Над водой возвышаются верхушки и крыши многочисленных затопленных небоскребов, разбросанных по заливу, словно девять ферзей на шахматной доске, препятствуя возникновению высоких волн. На верхних этажах этих затонувших зданий по–прежнему живут люди, поскольку бедные будут жить там, где смогут, даже если это опасно. От крыш к берегу тянутся разнообразные кабели и провода, опасно провисая и едва не касаясь воды. Люди купаются, плещутся или шлепают ногами на мелководье. На новом грязевом пляже возвышаются несколько черно–серых пальм, их тяжелые перистые листья колышутся на ветру. По моей спине струится пот.

Как вдруг, словно так и должно было быть, я увидел Ника: он лежал на нагретом солнцем волноломе, а его длинные волосы веером разметались над головой. Первый сюрприз – он был одет скромно, в черное. Второй – его сопровождали вооруженные телохранители. Я присел рядом с другом. Было нестерпимо жарко.

– А я надеялся встретить любителя поваляться на пляже.

– Я видел твой флиттер, – сказал он. – Производит столько шума.

– Аэродинамическое торможение. – Как будто я что–то знал об этом.

– И все–таки хорошо, что ты прилетел, – произнес он, присаживаясь на корточки. Его охрана проявила заметные признаки беспокойства, еще крепче прижав локтями перекинутые через плечи винтовки. Я заметил, что они были в форме Национальной гвардии Маратхи. – Просто отлично, что ты приехал.

– Люди в Денвере крайне раздражены.

– Мало тех, на кого можно положиться, – продолжил он. Я понимал, что мне Ник действительно доверяет.

– Эти ребята работают на тебя? – спросил я.
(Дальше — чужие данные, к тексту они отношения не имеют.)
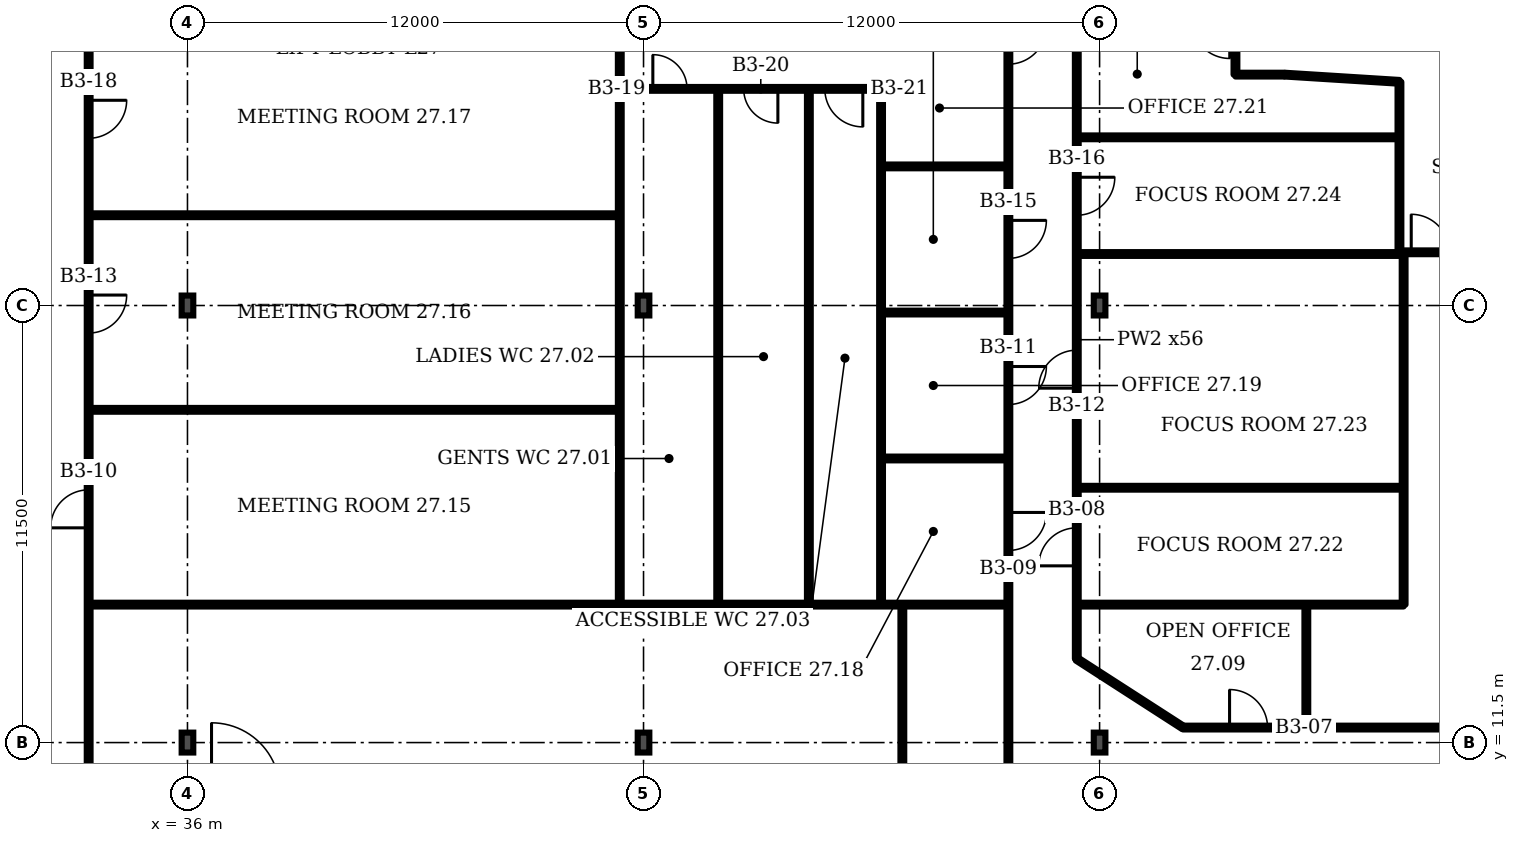
"""IFC4 building model, lengths in metres.
Left out: names, types, materials, properties, quantities, classifications, styles, units other than length and angle.
Written with IfcOpenShell. Run it as: python <this file> out.ifc"""

import sys

from ifc_helpers import new_model, si_unit, direction, frame, frame_2d, origin, origin_2d, place, context, subcontext, project, spatial, rectangle, i_section, extrude, element, fill, save


model = new_model("IFC4")
c1 = context("Model", 3, precision=1e-05, world=origin(), true_north=direction((0.0, 1.0)))
c2 = subcontext(c1, "Body", "Model", "MODEL_VIEW")
j1 = project(units=[si_unit("LENGTHUNIT", "METRE"), si_unit("PLANEANGLEUNIT", "RADIAN")], contexts=[c1])
p1 = place(None, origin())
s1 = spatial("IfcSite", under=j1, at=p1, CompositionType="ELEMENT")
p2 = place(p1, origin())
s2 = spatial("IfcBuilding", under=s1, at=p2, CompositionType="ELEMENT")
p3 = place(p2, frame((0.0, 0.0, 118.3)))
s3 = spatial("IfcBuildingStorey", under=s2, at=p3, CompositionType="ELEMENT", Elevation=118.3)
for number, where, z_axis, x_axis in (
    (1, (36.0, 11.5, 0.0), (0.0, 0.0, 1.0), (1.0, 0.0, 0.0)),
    (2, (48.0, 11.5, 0.0), (0.0, 0.0, 1.0), (1.0, 0.0, 0.0)),
    (3, (60.0, 11.5, 0.0), (0.0, 0.0, 1.0), (1.0, 0.0, 0.0)),
    (4, (36.0, 23.0, 0.0), (0.0, 0.0, 1.0), (1.0, 0.0, 0.0)),
    (5, (48.0, 23.0, 0.0), (0.0, 0.0, 1.0), (1.0, 0.0, 0.0)),
    (6, (60.0, 23.0, 0.0), (0.0, 0.0, 1.0), (1.0, 0.0, 0.0)),
):
    element("IfcColumn", number, at=place(p3, frame(where, z_axis=z_axis, x_axis=x_axis)), inside=s3, PredefinedType="COLUMN", context=c2, shape_type="SweptSolid", body=[
        extrude(i_section(OverallWidth=0.306, OverallDepth=0.524, WebThickness=0.021, FlangeThickness=0.04, FilletRadius=0.027, at=origin_2d()), origin(), (0.0, 0.0, 1.0), 3.6),
    ])
p4 = place(p3, frame((33.4, 10.22, 0.0), z_axis=(0.0, 0.0, 1.0), x_axis=(0.0, 1.0, 0.0)))
e7 = element("IfcWall", 7, at=p4, inside=s3, PredefinedType="PARTITIONING", context=c2, shape_type="SweptSolid", body=[
    extrude(rectangle(XDim=20.28, YDim=0.1, at=frame_2d((10.14, 0.0))), origin(), (0.0, 0.0, 1.0), 3.2),
])
p5 = place(p4, frame((6.93, 0.0, 0.0)))
e8 = element("IfcOpeningElement", 8, at=p5, cuts=e7, PredefinedType="OPENING", context=c2, shape_type="SweptSolid", body=[
    extrude(rectangle(XDim=1.0, YDim=2.1, at=frame_2d((0.5, 1.05))), frame((0.0, 0.06, 0.0), z_axis=(0.0, -1.0, 0.0), x_axis=(1.0, 0.0, 0.0)), (0.0, 0.0, 1.0), 0.12),
])
p6 = place(p4, frame((12.055, 0.0, 0.0)))
e9 = element("IfcOpeningElement", 9, at=p6, cuts=e7, PredefinedType="OPENING", context=c2, shape_type="SweptSolid", body=[
    extrude(rectangle(XDim=1.0, YDim=2.1, at=frame_2d((0.5, 1.05))), frame((0.0, 0.06, 0.0), z_axis=(0.0, -1.0, 0.0), x_axis=(1.0, 0.0, 0.0)), (0.0, 0.0, 1.0), 0.12),
])
p7 = place(p4, frame((17.18, 0.0, 0.0)))
e10 = element("IfcOpeningElement", 10, at=p7, cuts=e7, PredefinedType="OPENING", context=c2, shape_type="SweptSolid", body=[
    extrude(rectangle(XDim=1.0, YDim=2.1, at=frame_2d((0.5, 1.05))), frame((0.0, 0.06, 0.0), z_axis=(0.0, -1.0, 0.0), x_axis=(1.0, 0.0, 0.0)), (0.0, 0.0, 1.0), 0.12),
])
p8 = place(p3, frame((33.4, 15.13, 0.0), z_axis=(0.0, 0.0, 1.0), x_axis=(1.0, 0.0, 0.0)))
e11 = element("IfcWall", 11, at=p8, inside=s3, PredefinedType="PARTITIONING", context=c2, shape_type="SweptSolid", body=[
    extrude(rectangle(XDim=24.2, YDim=0.1, at=frame_2d((12.1, 0.0))), origin(), (0.0, 0.0, 1.0), 3.2),
])
for number, where, z_axis, x_axis in (
    (12, (33.4, 20.255, 0.0), (0.0, 0.0, 1.0), (1.0, 0.0, 0.0)),
    (13, (33.4, 25.375, 0.0), (0.0, 0.0, 1.0), (1.0, 0.0, 0.0)),
):
    element("IfcWall", number, at=place(p3, frame(where, z_axis=z_axis, x_axis=x_axis)), inside=s3, PredefinedType="PARTITIONING", context=c2, shape_type="SweptSolid", body=[
        extrude(rectangle(XDim=13.975, YDim=0.1, at=frame_2d((6.988, 0.0))), origin(), (0.0, 0.0, 1.0), 3.2),
    ])
p9 = place(p3, frame((47.375, 15.13, 0.0), z_axis=(0.0, 0.0, 1.0), x_axis=(0.0, 1.0, 0.0)))
e14 = element("IfcWall", 14, at=p9, inside=s3, PredefinedType="PARTITIONING", context=c2, shape_type="SweptSolid", body=[
    extrude(rectangle(XDim=15.36, YDim=0.1, at=frame_2d((7.68, 0.0))), origin(), (0.0, 0.0, 1.0), 3.2),
])
p10 = place(p3, frame((47.375, 28.7, 0.0), z_axis=(0.0, 0.0, 1.0), x_axis=(1.0, 0.0, 0.0)))
e15 = element("IfcWall", 15, at=p10, inside=s3, PredefinedType="PARTITIONING", context=c2, shape_type="SweptSolid", body=[
    extrude(rectangle(XDim=6.875, YDim=0.1, at=frame_2d((3.438, 0.0))), origin(), (0.0, 0.0, 1.0), 3.2),
])
p11 = place(p10, frame((0.87, 0.0, 0.0)))
e16 = element("IfcOpeningElement", 16, at=p11, cuts=e15, PredefinedType="OPENING", context=c2, shape_type="SweptSolid", body=[
    extrude(rectangle(XDim=0.9, YDim=2.1, at=frame_2d((0.45, 1.05))), frame((0.0, 0.06, 0.0), z_axis=(0.0, -1.0, 0.0), x_axis=(1.0, 0.0, 0.0)), (0.0, 0.0, 1.0), 0.12),
])
p12 = place(p10, frame((3.26, 0.0, 0.0)))
e17 = element("IfcOpeningElement", 17, at=p12, cuts=e15, PredefinedType="OPENING", context=c2, shape_type="SweptSolid", body=[
    extrude(rectangle(XDim=0.9, YDim=2.1, at=frame_2d((0.45, 1.05))), frame((0.0, 0.06, 0.0), z_axis=(0.0, -1.0, 0.0), x_axis=(1.0, 0.0, 0.0)), (0.0, 0.0, 1.0), 0.12),
])
p13 = place(p10, frame((5.395, 0.0, 0.0)))
e18 = element("IfcOpeningElement", 18, at=p13, cuts=e15, PredefinedType="OPENING", context=c2, shape_type="SweptSolid", body=[
    extrude(rectangle(XDim=1.0, YDim=2.1, at=frame_2d((0.5, 1.05))), frame((0.0, 0.06, 0.0), z_axis=(0.0, -1.0, 0.0), x_axis=(1.0, 0.0, 0.0)), (0.0, 0.0, 1.0), 0.12),
])
for number, where, z_axis, x_axis in (
    (19, (49.965, 15.13, 0.0), (0.0, 0.0, 1.0), (0.0, 1.0, 0.0)),
    (20, (52.35, 15.13, 0.0), (0.0, 0.0, 1.0), (0.0, 1.0, 0.0)),
    (21, (54.25, 15.13, 0.0), (0.0, 0.0, 1.0), (0.0, 1.0, 0.0)),
):
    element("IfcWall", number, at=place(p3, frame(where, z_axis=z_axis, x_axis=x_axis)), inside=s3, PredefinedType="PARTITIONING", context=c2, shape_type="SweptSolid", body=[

– Солдаты. Да, так и есть. Власти Маратхи и я пришли к полному взаимопониманию. – Ник вскочил на ноги. – Они поддерживают мою теорию об удивительных свойствах волос и получают благодарность населения, бедняков. Тогда как я, в свою очередь, имею политическое убежище и, кроме того, укрепленный лагерь в Бхиванди. Все ценное перевезли из города в горы, на восток, в Нави Мумбай. Богатые не верят в то, что море прекратит наступать на сушу. Они уверены, что оно отвоюет еще часть территории. Богатые очень осмотрительны.

– Богатые, – повторил я.

– Так что ты можешь поехать и посмотреть, – ответил он. – Пойдем.

Я поднялся:

– Мой флиттер ждет неподалеку.

– Ты можешь парковаться прямо здесь? Меня предупредили, что аэромобили необходимо оставлять на специальной парковке. – Я осмотрелся вокруг. – Где–то там, далеко.

– Я обладаю особыми привилегиями, – ответил он, широко улыбаясь.